Certo che capita. Uff. Moltissimo, e credo che queste cose qui accadano a coloro che si amano sul serio, scandagliandosi reciprocamente giorno dopo giorno. Noia, frustazione, depressione, apatia, sospetto. Ci sono passata e continjo a passarci anche io, all'interno di un matrimonio che amo così, e voglio a tutti i costi rimanga imperfetto. Sono questi i momenti di crescita veri, sono questi i momenti che ti fanno succedere le cose belle. Tipo andare a quella mostra e guardarsi negli occhi e stringersi le mani come il primo giorno. Io amo quando accade. E ti ringrazio per averlo raccontato anche qui. Sei speciale, come sempre.
Solo che io di fare un figlio, ho tanta paura.
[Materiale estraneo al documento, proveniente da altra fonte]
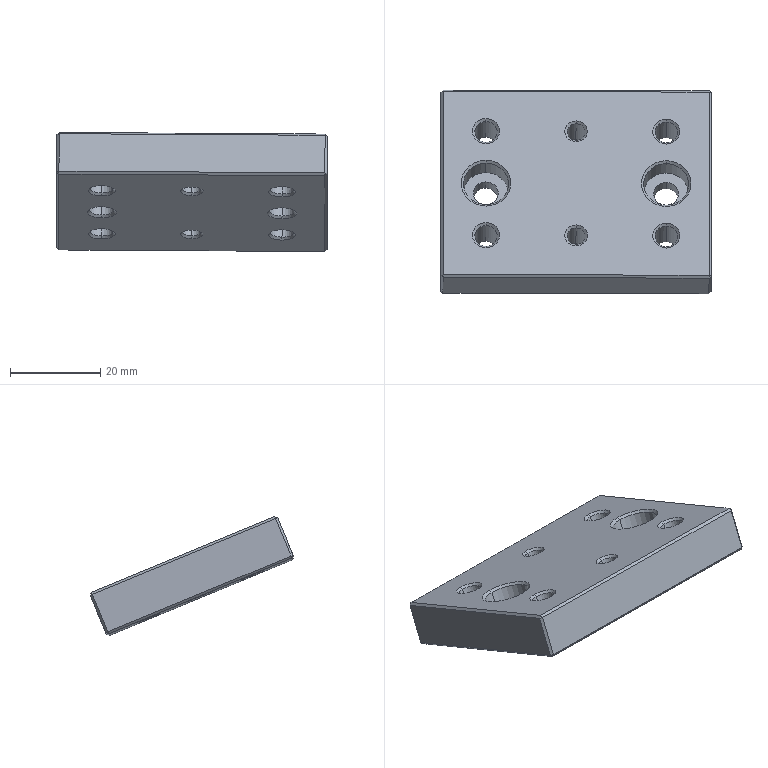Component | SolidWorks | 11-1 | 1 solid | 80 faces | box 60.06 x 45.16 x 26.42 mm | volume 24749 mm3 | cone 32 | plane 28 | cylinder 20 | commonest cylinder face diameters 5 x8 4 x4 10 x4 5.5 x4
build123d program:
from build123d import *

# Parameters (mm, degrees)
SKETCH1_W                                       = 45
SKETCH1_H                                       = 60
BOSS_EXTRUDE1_DEPTH                             = 10
M6_TAPPED_HOLE1_D                               = 5
M6_TAPPED_HOLE1_DEPTH                           = 15
M6_TAPPED_HOLE1_TIP                             = 1.502
M5_HEX_SOCKET_HEAD_CAP_SCREW_CBORE1_D           = 5.5
M5_HEX_SOCKET_HEAD_CAP_SCREW_CBORE1_CBORE_D     = 10
M5_HEX_SOCKET_HEAD_CAP_SCREW_CBORE1_CBORE_DEPTH = 5.9
SIZE_MM_DOWEL_PIN_HOLE2_D                       = 4
SIZE_MM_DOWEL_PIN_HOLE2_DEPTH                   = 10
SIZE_MM_DOWEL_PIN_HOLE2_TIP                     = 1.202
CHAMFER1_SIZE                                   = 0.5


with BuildPart() as part:
    # Sketch1 → Boss-Extrude1 (new body)
    with BuildSketch(Plane.XY):
        Rectangle(SKETCH1_W, SKETCH1_H)
    extrude(amount=BOSS_EXTRUDE1_DEPTH)

    # M6 Tapped Hole1
    with Locations(Plane.XY.offset(10)):
        with Locations((12.5, -20), (-12.5, 20), (-12.5, -20), (12.5, 20)):
            Hole(M6_TAPPED_HOLE1_D / 2, depth=M6_TAPPED_HOLE1_DEPTH)
            with Locations((0, 0, -(M6_TAPPED_HOLE1_DEPTH + M6_TAPPED_HOLE1_TIP / 2))):  # 118° drill point
                Cone(0, M6_TAPPED_HOLE1_D / 2, M6_TAPPED_HOLE1_TIP, mode=Mode.SUBTRACT)

    # M5 Hex Socket Head Cap Screw CBORE1 (through all)
    with Locations(Plane.XY.offset(10)):
        with Locations((0, 20), (0, -20)):
            CounterBoreHole(M5_HEX_SOCKET_HEAD_CAP_SCREW_CBORE1_D / 2, M5_HEX_SOCKET_HEAD_CAP_SCREW_CBORE1_CBORE_D / 2, M5_HEX_SOCKET_HEAD_CAP_SCREW_CBORE1_CBORE_DEPTH)

    # Size mm Dowel Pin Hole2
    with Locations(Plane.XY.offset(10)):
        with Locations((-12.5, 0), (12.5, 0)):
            Hole(SIZE_MM_DOWEL_PIN_HOLE2_D / 2, depth=SIZE_MM_DOWEL_PIN_HOLE2_DEPTH)
            with Locations((0, 0, -(SIZE_MM_DOWEL_PIN_HOLE2_DEPTH + SIZE_MM_DOWEL_PIN_HOLE2_TIP / 2))):  # 118° drill point
                Cone(0, SIZE_MM_DOWEL_PIN_HOLE2_D / 2, SIZE_MM_DOWEL_PIN_HOLE2_TIP, mode=Mode.SUBTRACT)

    # Chamfer1
    chamfer1_edges = [part.edges().sort_by_distance(p)[0] for p in [
        (-22.5, 0, 10),
        (0, -30, 10),
        (15, 20, 0),
        (15, 20, 10),
        (-10, -20, 0),
        (-10, -20, 10),
        (-10, 20, 0),
        (-10, 20, 10),
        (15, -20, 0),
        (15, -20, 10),
        (22.5, 0, 10),
        (-5, -20, 10),
        (2.75, -20, 0),
        (0, -30, 0),
        (-5, 20, 10),
        (2.75, 20, 0),
        (-22.5, 0, 0),
        (0, 30, 0),
        (14.5, 0, 10),
        (14.5, 0, 0),
        (22.5, 0, 0),
        (-10.5, 0, 10),
        (-10.5, 0, 0),
        (0, 30, 10),
        (22.5, -30, 5),
        (-22.5, -30, 5),
        (-22.5, 30, 5),
        (22.5, 30, 5),
    ]]
    chamfer(chamfer1_edges, length=CHAMFER1_SIZE)


solid = part.part

# Placed as in the assembly
solid = solid.moved(Location((104.012, -68.459, 468.513), (-22.484, 0.3658, -89.992)))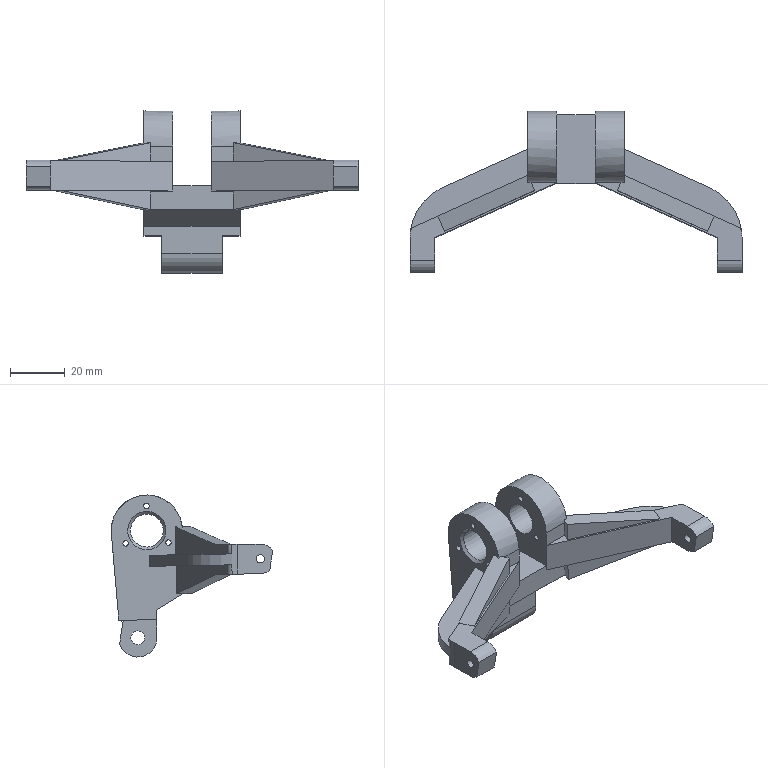Component | NX | ROTOR_BASE_ACC | 1 solid | 78 faces | volume 42003 mm3 | plane 52 | cylinder 24 | cone 2 | commonest cylinder face diameters 2 x6 10.8 x4 4 x4 3 x2 40 x2 26 x2 12 x2 14 x1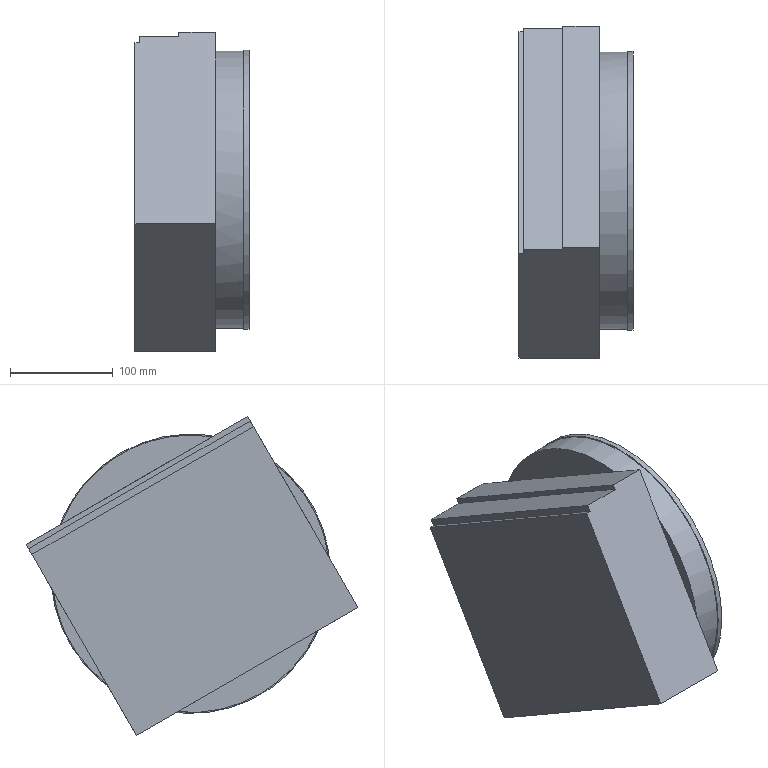Component | NX | SIM15_REV_SCHEIBE_AUFNAHME | 1 solid | 21 faces | volume 6007363 mm3 | plane 19 | cylinder 2 | commonest cylinder face diameters 270 x1 272 x1

Voi invece no, e questo vi rende doppiamente grandi.

Amammuzza said...

Ti sto facendo un lungo applauso!!!
Questo post e' meraviglioso.

la tina said...

marco, sono felice che vi siate ritrovati. fino a metà post ero lì che pensavo no cazzo, dai, non perderti così, non ti abbattere.
sono davvero contenta per voi.

ti abbraccio.

dabogirl said...

uh bene, speranza. Ci vuole, per iniziare il 2012.

Pentapata said...

sto scolpendo la tua statua equestre.

Anna Disorganizzata said...

i figli sono la prova del nove, è vero! ed io non penso che ci sia coppia che non ha avuto uno scossone da questo...anche piccolo...! ma superata la prova.....si è piu' forti!
Bellissimo leggerti....

ilmiomondonuovo said...

E poi a un certo punto trovi un uomo che descrive esattamente come ti senti. Meraviglioso, grazie.

SuPeRaNa said...

è vero la stanchezza, la quotidianità la routine giocano dei brutti scherzi ai pochi neuroni sani che vagano nel limbo..capita tantissimo anche a me. e poi senti la mancanza di quei gesti che appartengono alla storia della coppia.. e diciamolo.. non è male ogni tanto affidare il pargolo ai nonni agli zii e passare un momento solo a due, fare qualcosa di carino insieme.

cily75 said...

Gran bel post. Io con l'uomo sbagliato non l'ho superata la crisi. Ma ora ho l'uomo giusto e ti dico che i figli è vero, sono la prova del 9. Una di quelle cose che ti riduce alll'osso, tira fuori la sostanza: o funzioni o no. E tu l'hai descritta la sostanza, e allora in bocca al lupo, tenete duro!! L'ottimismo vince sempre!!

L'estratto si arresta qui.